I don't normally repost complete articles but this is an excellent analysis of civil rights and the questions surrounding California's Proposition 8 from the Comments on the Contemporary website:
Abysmal ignorance is no excuse Part One
Recent posts by two blogs commenting on the media coverage (See Self Evident Truths and US Political Scene) and subsequent comments concerning California's Proposition 8 controversy have prompted four (there may be more) observations:
1. Notwithstanding the prior rulings of the California Supreme Court, presently, the supporters of same-sex marriage are legally not being denied civil rights.
1. Notwithstanding the prior rulings of the California Supreme Court, presently, the supporters of same-sex marriage are legally not being denied civil rights.
The attacks on The Church of Jesus Christ of Latter-day Saints and other religious organizations and churches center around the idea that through their support of Proposition 8, those who advocate same-sex marriage have been denied their civil rights. A civil right is an enforceable right or privilege, which if interfered with by another gives rise to an action for injury. Examples of civil rights are freedom of speech, press, assembly, the right to vote, freedom from involuntary servitude, and the right to equality in public places. Civil rights are, by definition, not inherent, they are a creation of law. Neither are they simply desires, wants, wishes or feelings.

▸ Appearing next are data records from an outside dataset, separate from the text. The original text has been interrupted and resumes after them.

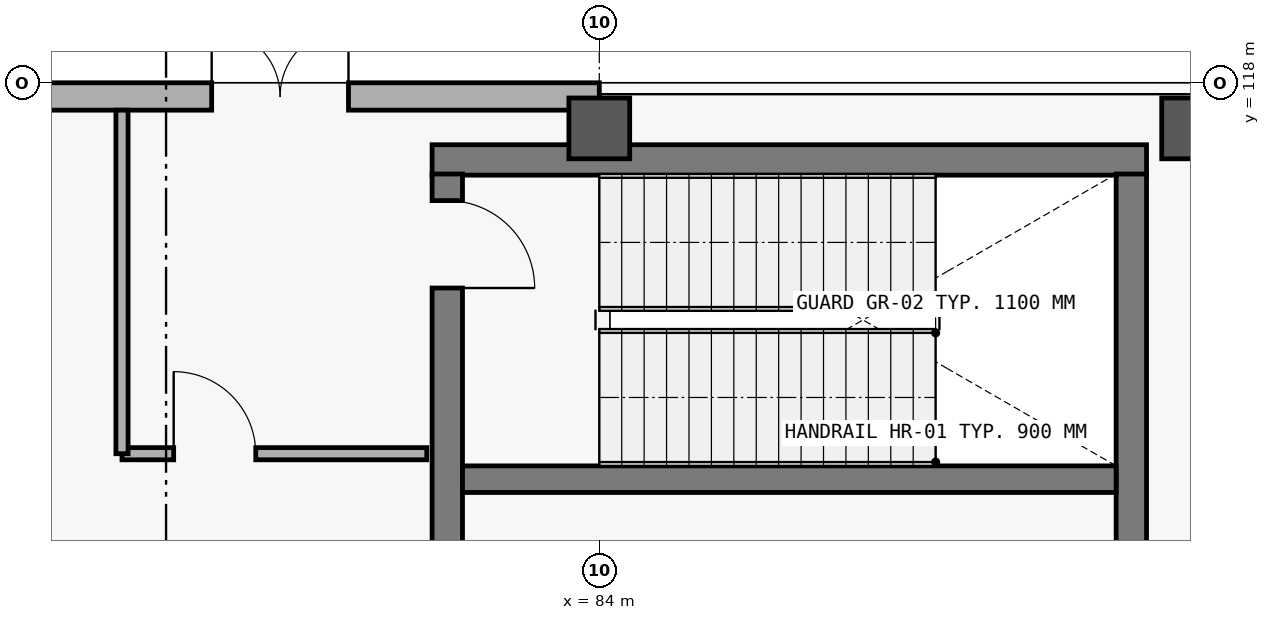
"""IFC4 building model, lengths in metres.
Left out: names, types, materials, properties, quantities, classifications, styles, units other than length and angle.
Written with IfcOpenShell. Run it as: python <this file> out.ifc"""

import sys

from ifc_helpers import new_model, si_unit, direction, frame, frame_2d, origin, origin_2d, place, context, subcontext, project, spatial, rectangle, extrude, element, fill, save


model = new_model("IFC4")
c1 = context("Model", 3, precision=1e-05, world=origin(), true_north=direction((0.0, 1.0)))
c2 = subcontext(c1, "Body", "Model", "MODEL_VIEW")
j1 = project(units=[si_unit("LENGTHUNIT", "METRE"), si_unit("PLANEANGLEUNIT", "RADIAN")], contexts=[c1])
p1 = place(None, origin())
s1 = spatial("IfcSite", under=j1, at=p1, CompositionType="ELEMENT")
p2 = place(p1, origin())
s2 = spatial("IfcBuilding", under=s1, at=p2, CompositionType="ELEMENT")
p3 = place(p2, origin())
s3 = spatial("IfcBuildingStorey", under=s2, at=p3, CompositionType="ELEMENT", Elevation=0.0)
for number, where, z_axis, x_axis in (
    (1, (84.0, 117.4, 0.0), (0.0, 0.0, 1.0), (1.0, 0.0, 0.0)),
    (2, (91.8, 117.4, 0.0), (0.0, 0.0, 1.0), (1.0, 0.0, 0.0)),
):
    element("IfcColumn", number, at=place(p3, frame(where, z_axis=z_axis, x_axis=x_axis)), inside=s3, PredefinedType="COLUMN", context=c2, shape_type="SweptSolid", body=[
        extrude(rectangle(XDim=0.8, YDim=0.8, at=origin_2d()), origin(), (0.0, 0.0, 1.0), 5.4),
    ])
p4 = place(p3, frame((75.6, 117.82, 0.0), z_axis=(0.0, 0.0, 1.0), x_axis=(1.0, 0.0, 0.0)))
e3 = element("IfcWall", 3, at=p4, inside=s3, PredefinedType="SOLIDWALL", context=c2, shape_type="SweptSolid", body=[
    extrude(rectangle(XDim=8.4, YDim=0.36, at=frame_2d((4.2, 0.0))), origin(), (0.0, 0.0, 1.0), 5.08),
])
p5 = place(p4, frame((3.3, 0.0, 0.0)))
e4 = element("IfcOpeningElement", 4, at=p5, cuts=e3, PredefinedType="OPENING", context=c2, shape_type="SweptSolid", body=[
    extrude(rectangle(XDim=1.8, YDim=2.4, at=frame_2d((0.9, 1.2))), frame((0.0, 0.19, 0.0), z_axis=(0.0, -1.0, 0.0), x_axis=(1.0, 0.0, 0.0)), (0.0, 0.0, 1.0), 0.38),
])
p6 = place(p3, frame((91.2, 116.985, 0.0), z_axis=(0.0, 0.0, 1.0), x_axis=(-1.0, 0.0, 0.0)))
e5 = element("IfcWall", 5, at=p6, inside=s3, PredefinedType="SHEAR", context=c2, shape_type="SweptSolid", body=[
    extrude(rectangle(XDim=9.4, YDim=0.4, at=frame_2d((4.7, 0.0))), origin(), (0.0, 0.0, 1.0), 5.08),
])
p7 = place(p3, frame((82.0, 116.8, 0.0), z_axis=(0.0, 0.0, 1.0), x_axis=(0.0, -1.0, 0.0)))
e6 = element("IfcWall", 6, at=p7, inside=s3, PredefinedType="SHEAR", context=c2, shape_type="SweptSolid", body=[
    extrude(rectangle(XDim=7.2, YDim=0.4, at=frame_2d((3.6, 0.0))), origin(), (0.0, 0.0, 1.0), 5.08),
])
p8 = place(p7, frame((0.35, 0.0, 0.0)))
e7 = element("IfcOpeningElement", 7, at=p8, cuts=e6, PredefinedType="OPENING", context=c2, shape_type="SweptSolid", body=[
    extrude(rectangle(XDim=1.15, YDim=2.2, at=frame_2d((0.575, 1.1))), frame((0.0, 0.21, 0.0), z_axis=(0.0, -1.0, 0.0), x_axis=(1.0, 0.0, 0.0)), (0.0, 0.0, 1.0), 0.42),
])
p9 = place(p3, frame((91.0, 109.6, 0.0), z_axis=(0.0, 0.0, 1.0), x_axis=(0.0, 1.0, 0.0)))
e8 = element("IfcWall", 8, at=p9, inside=s3, PredefinedType="SHEAR", context=c2, shape_type="SweptSolid", body=[
    extrude(rectangle(XDim=7.2, YDim=0.4, at=frame_2d((3.6, 0.0))), origin(), (0.0, 0.0, 1.0), 5.08),
])
p10 = place(p3, frame((82.2, 112.785, 0.0), z_axis=(0.0, 0.0, 1.0), x_axis=(1.0, 0.0, 0.0)))
e9 = element("IfcWall", 9, at=p10, inside=s3, PredefinedType="SHEAR", context=c2, shape_type="SweptSolid", body=[
    extrude(rectangle(XDim=8.6, YDim=0.35, at=frame_2d((4.3, 0.0))), origin(), (0.0, 0.0, 1.0), 5.08),
])
p11 = place(p3, frame((77.72, 113.12, 0.0), z_axis=(0.0, 0.0, 1.0), x_axis=(1.0, 0.0, 0.0)))
e10 = element("IfcWall", 10, at=p11, inside=s3, PredefinedType="PARTITIONING", context=c2, shape_type="SweptSolid", body=[
    extrude(rectangle(XDim=4.01, YDim=0.16, at=frame_2d((2.005, 0.0))), origin(), (0.0, 0.0, 1.0), 4.18),
])
p12 = place(p11, frame((0.68, 0.0, 0.0)))
e11 = element("IfcOpeningElement", 11, at=p12, cuts=e10, PredefinedType="OPENING", context=c2, shape_type="SweptSolid", body=[
    extrude(rectangle(XDim=1.08, YDim=2.25, at=frame_2d((0.54, 1.125))), frame((0.0, 0.09, 0.0), z_axis=(0.0, -1.0, 0.0), x_axis=(1.0, 0.0, 0.0)), (0.0, 0.0, 1.0), 0.18),
])
p13 = place(p3, frame((77.72, 113.12, 0.0), z_axis=(0.0, 0.0, 1.0), x_axis=(0.0, 1.0, 0.0)))
e12 = element("IfcWall", 12, at=p13, inside=s3, PredefinedType="PARTITIONING", context=c2, shape_type="SweptSolid", body=[
    extrude(rectangle(XDim=4.52, YDim=0.16, at=frame_2d((2.26, 0.0))), origin(), (0.0, 0.0, 1.0), 4.18),
])
p14 = place(p5, origin())
e13 = element("IfcDoor", 13, at=p14, inside=s3, OperationType="DOUBLE_DOOR_SINGLE_SWING", PredefinedType="DOOR", context=c2, shape_type="SweptSolid", body=[
    extrude(rectangle(XDim=1.8, YDim=2.4, at=frame_2d((0.9, 1.2))), frame((0.0, 0.025, 0.0), z_axis=(0.0, -1.0, 0.0), x_axis=(1.0, 0.0, 0.0)), (0.0, 0.0, 1.0), 0.05),
])
fill(e4, e13)
p15 = place(p8, origin())
e14 = element("IfcDoor", 14, at=p15, inside=s3, OperationType="SINGLE_SWING_RIGHT", PredefinedType="DOOR", context=c2, shape_type="SweptSolid", body=[
    extrude(rectangle(XDim=1.15, YDim=2.2, at=frame_2d((0.575, 1.1))), frame((0.0, 0.025, 0.0), z_axis=(0.0, -1.0, 0.0), x_axis=(1.0, 0.0, 0.0)), (0.0, 0.0, 1.0), 0.05),
])
fill(e7, e14)
p16 = place(p12, origin())
e15 = element("IfcDoor", 15, at=p16, inside=s3, OperationType="SINGLE_SWING_LEFT", PredefinedType="DOOR", context=c2, shape_type="SweptSolid", body=[
    extrude(rectangle(XDim=1.08, YDim=2.25, at=frame_2d((0.54, 1.125))), frame((0.0, 0.025, 0.0), z_axis=(0.0, -1.0, 0.0), x_axis=(1.0, 0.0, 0.0)), (0.0, 0.0, 1.0), 0.05),
])
fill(e11, e15)
save(model, sys.argv[1])

The current Constitutional law in California states, "Only marriage between a man and a woman is valid or recognized in California." Therefore, there is no "civil right" to an alternative definition of marriage because a same-sex marriage is not an enforceable right or privilege according to the current law. If a law is repealed or superseded by another law, any rights granted under the previous law or laws do not exist. As an example of this principle that the "right" has no separate existence from the law, in 1870 the Utah Territorial legislature passed an act giving women the right to vote becoming the first state or territory to give women the right to vote. However, the Federal Edmunds-Tucker Act took away the right to vote in 1887. Finally, with support of the LDS Church, the right to vote was granted again in 1895. Notwithstanding any and all arguments about the fundamental nature of the right to vote, that "right" only existed as long as the law supporting it existed.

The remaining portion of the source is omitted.